Being such a straight arrow was part of the reason for this amazing fecundity, but Annie herself was a bigger one. After all, it was her single hesitant suggestion about the bee-sting which had shaped the book and given it its urgency when Paul had firmly believed he could never feel urgent about Misery again.
He'd been sure of one thing from the start: there really was no Misery's Retum. His attention had been focused only on finding a way to get the bitch out of her grave without cheating before Annie decided to inspire him by giving him an enema with a handful of Ginsu knives. Minor matters such as what the f**king book was supposed to be about would have to wait.

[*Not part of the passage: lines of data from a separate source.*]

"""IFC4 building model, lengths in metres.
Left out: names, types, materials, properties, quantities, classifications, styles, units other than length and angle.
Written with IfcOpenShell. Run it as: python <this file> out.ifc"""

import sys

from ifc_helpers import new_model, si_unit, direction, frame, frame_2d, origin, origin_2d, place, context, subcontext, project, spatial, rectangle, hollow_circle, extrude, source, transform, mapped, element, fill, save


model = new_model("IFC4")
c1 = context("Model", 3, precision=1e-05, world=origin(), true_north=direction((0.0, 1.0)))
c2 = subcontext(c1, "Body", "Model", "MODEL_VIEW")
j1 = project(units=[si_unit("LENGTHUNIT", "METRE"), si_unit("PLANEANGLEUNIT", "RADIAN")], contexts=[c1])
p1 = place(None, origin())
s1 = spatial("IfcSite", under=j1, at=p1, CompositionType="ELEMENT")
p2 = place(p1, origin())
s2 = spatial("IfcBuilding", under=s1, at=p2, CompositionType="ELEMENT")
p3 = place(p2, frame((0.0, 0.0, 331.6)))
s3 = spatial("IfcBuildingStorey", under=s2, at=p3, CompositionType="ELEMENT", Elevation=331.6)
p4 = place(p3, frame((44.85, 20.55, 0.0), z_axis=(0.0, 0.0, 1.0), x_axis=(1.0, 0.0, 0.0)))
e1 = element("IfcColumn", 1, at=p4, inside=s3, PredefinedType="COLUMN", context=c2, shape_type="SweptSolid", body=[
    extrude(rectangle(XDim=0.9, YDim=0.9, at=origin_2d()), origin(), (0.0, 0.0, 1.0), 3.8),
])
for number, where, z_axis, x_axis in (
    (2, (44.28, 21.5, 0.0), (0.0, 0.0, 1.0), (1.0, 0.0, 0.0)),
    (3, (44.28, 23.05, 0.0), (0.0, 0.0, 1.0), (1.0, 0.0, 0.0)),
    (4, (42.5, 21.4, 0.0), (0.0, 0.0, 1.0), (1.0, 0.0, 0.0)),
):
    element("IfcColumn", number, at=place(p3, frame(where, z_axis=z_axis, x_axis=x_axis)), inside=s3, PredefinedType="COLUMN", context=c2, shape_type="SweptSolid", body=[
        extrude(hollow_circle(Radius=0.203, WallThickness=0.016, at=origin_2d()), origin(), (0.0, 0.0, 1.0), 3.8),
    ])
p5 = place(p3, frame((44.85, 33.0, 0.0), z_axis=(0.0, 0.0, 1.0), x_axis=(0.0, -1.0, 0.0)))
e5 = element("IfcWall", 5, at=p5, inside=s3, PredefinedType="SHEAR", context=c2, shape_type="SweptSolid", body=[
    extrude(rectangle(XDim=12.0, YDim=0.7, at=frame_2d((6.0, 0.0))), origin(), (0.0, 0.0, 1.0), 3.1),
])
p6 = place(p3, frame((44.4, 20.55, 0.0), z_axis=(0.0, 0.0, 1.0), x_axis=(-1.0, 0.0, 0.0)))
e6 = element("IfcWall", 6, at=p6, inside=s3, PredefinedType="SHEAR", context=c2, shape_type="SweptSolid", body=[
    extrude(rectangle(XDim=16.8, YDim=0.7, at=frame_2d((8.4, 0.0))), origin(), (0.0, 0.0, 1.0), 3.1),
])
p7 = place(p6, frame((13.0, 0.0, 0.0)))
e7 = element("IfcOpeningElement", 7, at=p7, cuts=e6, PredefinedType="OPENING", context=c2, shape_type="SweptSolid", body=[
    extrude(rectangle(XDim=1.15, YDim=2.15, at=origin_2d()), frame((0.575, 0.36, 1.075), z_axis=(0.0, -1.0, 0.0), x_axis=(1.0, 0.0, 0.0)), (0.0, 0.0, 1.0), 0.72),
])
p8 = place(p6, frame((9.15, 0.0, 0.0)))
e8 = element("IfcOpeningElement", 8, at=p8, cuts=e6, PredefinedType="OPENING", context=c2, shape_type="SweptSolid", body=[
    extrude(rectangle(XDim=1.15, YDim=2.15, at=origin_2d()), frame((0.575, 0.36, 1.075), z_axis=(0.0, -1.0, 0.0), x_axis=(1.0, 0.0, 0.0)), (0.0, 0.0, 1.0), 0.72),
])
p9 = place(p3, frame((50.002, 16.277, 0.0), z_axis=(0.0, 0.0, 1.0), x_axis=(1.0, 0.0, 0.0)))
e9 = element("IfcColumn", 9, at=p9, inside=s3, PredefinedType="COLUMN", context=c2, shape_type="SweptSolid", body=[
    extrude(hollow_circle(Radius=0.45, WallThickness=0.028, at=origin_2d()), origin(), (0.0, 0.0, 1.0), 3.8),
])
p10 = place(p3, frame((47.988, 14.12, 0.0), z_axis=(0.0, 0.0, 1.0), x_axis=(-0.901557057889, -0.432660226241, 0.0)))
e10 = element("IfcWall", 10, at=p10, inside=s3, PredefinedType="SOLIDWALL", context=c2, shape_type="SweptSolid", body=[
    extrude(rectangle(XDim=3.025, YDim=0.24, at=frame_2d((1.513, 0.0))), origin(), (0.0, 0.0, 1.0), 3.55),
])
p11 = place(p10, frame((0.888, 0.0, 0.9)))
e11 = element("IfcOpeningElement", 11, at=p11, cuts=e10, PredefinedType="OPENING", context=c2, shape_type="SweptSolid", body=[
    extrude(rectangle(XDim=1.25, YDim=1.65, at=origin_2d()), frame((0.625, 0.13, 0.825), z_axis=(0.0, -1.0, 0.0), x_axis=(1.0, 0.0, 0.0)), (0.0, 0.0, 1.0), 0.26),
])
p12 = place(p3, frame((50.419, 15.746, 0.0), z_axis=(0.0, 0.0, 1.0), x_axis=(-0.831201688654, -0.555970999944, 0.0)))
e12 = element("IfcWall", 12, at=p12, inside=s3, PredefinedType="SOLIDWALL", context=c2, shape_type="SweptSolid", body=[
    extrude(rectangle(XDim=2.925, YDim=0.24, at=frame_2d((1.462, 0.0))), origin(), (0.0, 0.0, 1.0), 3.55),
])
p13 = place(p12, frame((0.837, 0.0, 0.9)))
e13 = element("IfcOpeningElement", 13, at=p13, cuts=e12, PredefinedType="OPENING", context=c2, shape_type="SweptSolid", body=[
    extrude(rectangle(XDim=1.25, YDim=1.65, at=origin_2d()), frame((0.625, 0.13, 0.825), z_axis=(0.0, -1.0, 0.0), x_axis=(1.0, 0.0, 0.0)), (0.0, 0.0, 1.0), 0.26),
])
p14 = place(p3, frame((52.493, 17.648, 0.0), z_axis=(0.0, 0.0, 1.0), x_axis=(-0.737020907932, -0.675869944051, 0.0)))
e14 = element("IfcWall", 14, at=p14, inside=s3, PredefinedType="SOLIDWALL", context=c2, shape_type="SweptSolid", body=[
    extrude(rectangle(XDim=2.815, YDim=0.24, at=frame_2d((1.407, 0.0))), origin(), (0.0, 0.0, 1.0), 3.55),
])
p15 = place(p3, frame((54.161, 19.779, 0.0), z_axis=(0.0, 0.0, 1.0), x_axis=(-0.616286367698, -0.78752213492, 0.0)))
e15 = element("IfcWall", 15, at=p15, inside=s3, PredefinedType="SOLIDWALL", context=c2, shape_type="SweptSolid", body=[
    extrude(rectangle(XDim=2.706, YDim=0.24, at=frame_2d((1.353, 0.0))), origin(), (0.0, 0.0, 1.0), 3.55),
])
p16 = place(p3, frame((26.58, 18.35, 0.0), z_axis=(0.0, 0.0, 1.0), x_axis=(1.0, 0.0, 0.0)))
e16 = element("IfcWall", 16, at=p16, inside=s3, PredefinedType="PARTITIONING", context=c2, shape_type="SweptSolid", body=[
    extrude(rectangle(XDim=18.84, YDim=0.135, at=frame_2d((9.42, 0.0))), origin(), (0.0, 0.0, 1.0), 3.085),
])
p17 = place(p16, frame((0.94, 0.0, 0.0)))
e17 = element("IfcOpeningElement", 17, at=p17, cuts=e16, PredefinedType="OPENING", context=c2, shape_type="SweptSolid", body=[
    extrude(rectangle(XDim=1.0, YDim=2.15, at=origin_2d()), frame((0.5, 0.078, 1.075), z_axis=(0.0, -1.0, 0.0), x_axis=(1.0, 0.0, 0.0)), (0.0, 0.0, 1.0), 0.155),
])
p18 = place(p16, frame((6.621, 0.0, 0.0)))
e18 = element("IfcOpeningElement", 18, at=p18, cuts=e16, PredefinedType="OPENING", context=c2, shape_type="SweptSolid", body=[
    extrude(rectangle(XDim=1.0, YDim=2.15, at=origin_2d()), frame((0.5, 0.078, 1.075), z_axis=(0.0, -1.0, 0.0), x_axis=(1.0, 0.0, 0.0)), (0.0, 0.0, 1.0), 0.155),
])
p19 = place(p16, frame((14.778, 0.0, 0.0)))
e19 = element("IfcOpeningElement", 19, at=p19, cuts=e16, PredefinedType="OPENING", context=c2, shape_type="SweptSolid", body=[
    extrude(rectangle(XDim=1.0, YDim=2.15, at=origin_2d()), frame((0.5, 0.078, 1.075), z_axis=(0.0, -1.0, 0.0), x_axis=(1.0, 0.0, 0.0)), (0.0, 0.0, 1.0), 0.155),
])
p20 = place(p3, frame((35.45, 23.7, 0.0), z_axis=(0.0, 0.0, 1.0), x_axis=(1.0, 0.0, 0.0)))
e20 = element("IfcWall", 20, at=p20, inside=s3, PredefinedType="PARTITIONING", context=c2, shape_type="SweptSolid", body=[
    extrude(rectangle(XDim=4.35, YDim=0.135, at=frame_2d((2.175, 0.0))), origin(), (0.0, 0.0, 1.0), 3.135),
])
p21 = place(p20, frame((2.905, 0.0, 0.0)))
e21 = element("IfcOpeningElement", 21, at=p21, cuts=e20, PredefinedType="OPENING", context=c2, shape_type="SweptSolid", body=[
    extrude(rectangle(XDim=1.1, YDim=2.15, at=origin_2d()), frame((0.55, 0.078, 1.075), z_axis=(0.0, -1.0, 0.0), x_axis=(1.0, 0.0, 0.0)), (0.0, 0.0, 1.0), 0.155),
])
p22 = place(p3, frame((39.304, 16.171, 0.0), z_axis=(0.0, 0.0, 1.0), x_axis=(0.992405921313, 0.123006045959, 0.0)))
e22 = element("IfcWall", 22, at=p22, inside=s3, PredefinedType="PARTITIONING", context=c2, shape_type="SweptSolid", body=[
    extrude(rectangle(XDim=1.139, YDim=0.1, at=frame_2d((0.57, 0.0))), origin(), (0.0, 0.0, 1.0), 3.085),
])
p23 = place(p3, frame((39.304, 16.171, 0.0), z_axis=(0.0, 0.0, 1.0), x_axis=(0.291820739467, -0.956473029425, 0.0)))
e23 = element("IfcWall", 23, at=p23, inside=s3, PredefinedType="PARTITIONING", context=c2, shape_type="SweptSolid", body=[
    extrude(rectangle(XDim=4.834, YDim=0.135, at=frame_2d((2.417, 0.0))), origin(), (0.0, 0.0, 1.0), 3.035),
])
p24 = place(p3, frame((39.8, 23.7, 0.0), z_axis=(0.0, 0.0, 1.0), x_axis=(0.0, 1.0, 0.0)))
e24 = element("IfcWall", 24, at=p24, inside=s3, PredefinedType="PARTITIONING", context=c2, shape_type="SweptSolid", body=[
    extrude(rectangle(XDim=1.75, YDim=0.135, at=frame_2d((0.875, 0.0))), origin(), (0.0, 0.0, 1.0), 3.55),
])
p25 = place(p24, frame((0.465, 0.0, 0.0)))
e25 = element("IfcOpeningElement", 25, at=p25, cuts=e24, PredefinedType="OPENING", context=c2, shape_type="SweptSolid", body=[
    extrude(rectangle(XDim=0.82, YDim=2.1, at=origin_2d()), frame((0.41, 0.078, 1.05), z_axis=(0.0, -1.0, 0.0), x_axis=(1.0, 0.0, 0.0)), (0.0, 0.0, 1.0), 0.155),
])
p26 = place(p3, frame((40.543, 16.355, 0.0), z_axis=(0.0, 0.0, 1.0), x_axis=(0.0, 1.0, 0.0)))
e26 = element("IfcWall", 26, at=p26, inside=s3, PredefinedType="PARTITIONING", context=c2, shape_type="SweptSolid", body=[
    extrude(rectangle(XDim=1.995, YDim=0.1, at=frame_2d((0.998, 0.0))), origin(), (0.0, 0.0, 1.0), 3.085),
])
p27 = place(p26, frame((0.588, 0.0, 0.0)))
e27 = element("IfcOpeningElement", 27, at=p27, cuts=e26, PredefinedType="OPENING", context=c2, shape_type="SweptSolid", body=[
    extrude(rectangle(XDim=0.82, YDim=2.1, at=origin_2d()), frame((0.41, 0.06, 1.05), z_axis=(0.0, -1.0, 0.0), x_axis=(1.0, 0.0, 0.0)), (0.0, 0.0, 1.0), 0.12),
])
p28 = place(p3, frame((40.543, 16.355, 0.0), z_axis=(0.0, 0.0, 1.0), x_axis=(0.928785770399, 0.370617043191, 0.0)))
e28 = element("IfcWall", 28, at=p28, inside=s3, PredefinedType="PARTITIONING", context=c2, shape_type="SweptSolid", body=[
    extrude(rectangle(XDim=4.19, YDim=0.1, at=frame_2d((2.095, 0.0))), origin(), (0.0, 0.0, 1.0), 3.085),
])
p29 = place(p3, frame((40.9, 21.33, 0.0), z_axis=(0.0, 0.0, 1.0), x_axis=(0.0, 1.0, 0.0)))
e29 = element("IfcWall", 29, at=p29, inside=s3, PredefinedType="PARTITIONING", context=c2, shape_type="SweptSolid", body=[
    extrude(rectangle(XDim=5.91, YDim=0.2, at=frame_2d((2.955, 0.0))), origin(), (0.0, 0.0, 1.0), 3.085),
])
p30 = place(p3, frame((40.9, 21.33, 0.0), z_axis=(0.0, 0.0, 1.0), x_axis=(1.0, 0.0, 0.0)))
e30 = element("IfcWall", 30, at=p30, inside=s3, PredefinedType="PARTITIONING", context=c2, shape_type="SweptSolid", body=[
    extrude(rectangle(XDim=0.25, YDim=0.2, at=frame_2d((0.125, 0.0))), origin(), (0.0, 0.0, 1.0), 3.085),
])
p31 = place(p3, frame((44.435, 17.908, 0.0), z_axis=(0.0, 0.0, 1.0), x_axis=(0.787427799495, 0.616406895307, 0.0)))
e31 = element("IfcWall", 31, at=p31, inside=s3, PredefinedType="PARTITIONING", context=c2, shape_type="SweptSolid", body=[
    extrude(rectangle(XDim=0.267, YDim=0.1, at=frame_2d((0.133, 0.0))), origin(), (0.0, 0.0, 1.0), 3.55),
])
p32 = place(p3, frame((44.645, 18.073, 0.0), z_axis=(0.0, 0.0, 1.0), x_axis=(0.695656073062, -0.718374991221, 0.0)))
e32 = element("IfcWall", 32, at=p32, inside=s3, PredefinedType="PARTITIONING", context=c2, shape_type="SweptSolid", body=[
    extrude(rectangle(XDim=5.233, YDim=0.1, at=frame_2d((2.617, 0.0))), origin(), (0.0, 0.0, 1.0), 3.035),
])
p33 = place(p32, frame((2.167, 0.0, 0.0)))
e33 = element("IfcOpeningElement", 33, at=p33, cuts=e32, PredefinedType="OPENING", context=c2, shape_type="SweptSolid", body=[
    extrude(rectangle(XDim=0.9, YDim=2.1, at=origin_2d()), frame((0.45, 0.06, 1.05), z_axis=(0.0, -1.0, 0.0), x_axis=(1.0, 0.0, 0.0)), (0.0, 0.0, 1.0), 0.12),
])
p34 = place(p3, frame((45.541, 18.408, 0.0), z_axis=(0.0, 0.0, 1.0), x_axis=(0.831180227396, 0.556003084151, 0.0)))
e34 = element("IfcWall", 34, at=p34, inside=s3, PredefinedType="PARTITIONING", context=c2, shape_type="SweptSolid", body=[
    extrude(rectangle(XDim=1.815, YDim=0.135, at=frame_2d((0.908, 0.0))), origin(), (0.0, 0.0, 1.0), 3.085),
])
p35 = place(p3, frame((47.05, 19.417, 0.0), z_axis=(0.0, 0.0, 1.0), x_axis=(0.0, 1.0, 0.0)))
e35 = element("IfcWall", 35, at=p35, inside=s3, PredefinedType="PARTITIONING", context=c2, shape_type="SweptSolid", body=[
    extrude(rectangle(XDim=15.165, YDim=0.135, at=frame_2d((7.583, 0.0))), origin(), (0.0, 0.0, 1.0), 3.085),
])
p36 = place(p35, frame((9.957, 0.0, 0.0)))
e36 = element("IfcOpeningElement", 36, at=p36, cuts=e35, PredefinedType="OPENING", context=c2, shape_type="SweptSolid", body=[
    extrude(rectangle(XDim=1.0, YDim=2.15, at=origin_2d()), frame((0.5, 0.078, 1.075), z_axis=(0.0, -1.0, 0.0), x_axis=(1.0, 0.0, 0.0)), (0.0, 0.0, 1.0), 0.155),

During the two days following Annie's trip to town to pay her tax-bill, Paul tried to forget his failure to take advantage of what could have been a golden opportunity to escape and concentrated on getting Misery back to Mrs Ramage's cottage instead. Taking her to Geoffrey's home was no good. The servants - most notably Geoffrey's gossipy butler, Tyler - would see and talk. Also, he needed to establish the total amnesia which had been caused by the shock of being buried alive. Amnesia? Shit, the chick could barely talk. Sort of a relief, given Misery's usual burblings.
So - what next? The bitch was out of her grave, now where was the f**king story? Should Geoffrey and Mrs Ramage tell Ian that Misery was still alive? Paul didn't think so but he wasn't sure - not being sure of things, he knew, was a charmless corner of purgatory reserved for writers who were driving fast with no idea at all where they were going.
Not Ian, he thought, looking out at the barn. Not Ian, not yet. The doctor first. That old ass**le with all the n's in his name, Shinebone.
The thought of the doctor brought Annie's comment about bee-stings to mind, and not for the first time. It kept recurring at odd moments. One person in every dozen...
But it just wouldn't play. Two unrelated women in neighboring townships, both allergic to stings in the same rare way?
Three days following the Great Annie Wilkes Tax Bailout, Paul had been drowsing his way into his afternoon nap when the guys in the sweatshop weighed in, and weighed in heavy. This time it wasn't a flare; this time it was an H-bomb explosion.
He sat bolt upright in bed, ignoring the flare of pain which shot up his legs.
"Annie!" he bawled. "Annie, come in here!" He heard her thump down the stairs two at a time and then run down the hallway. Her eyes were wide and scared when she came in.
"Paul! What's wrong? Are you cramping? Are you - "
"No "he said, but of course he was; his mind was cramping. "No. Annie, I'm sorry if I scared you, but you gotta help me into the chair. Mighty f**k! I got it!" The dreaded effword was out before he could help it, but this time it didn't seem to matter - she was looking at him respectfully, and with not a little awe. Here was the secular version of the Pentecostal fire, burning before her very eyes.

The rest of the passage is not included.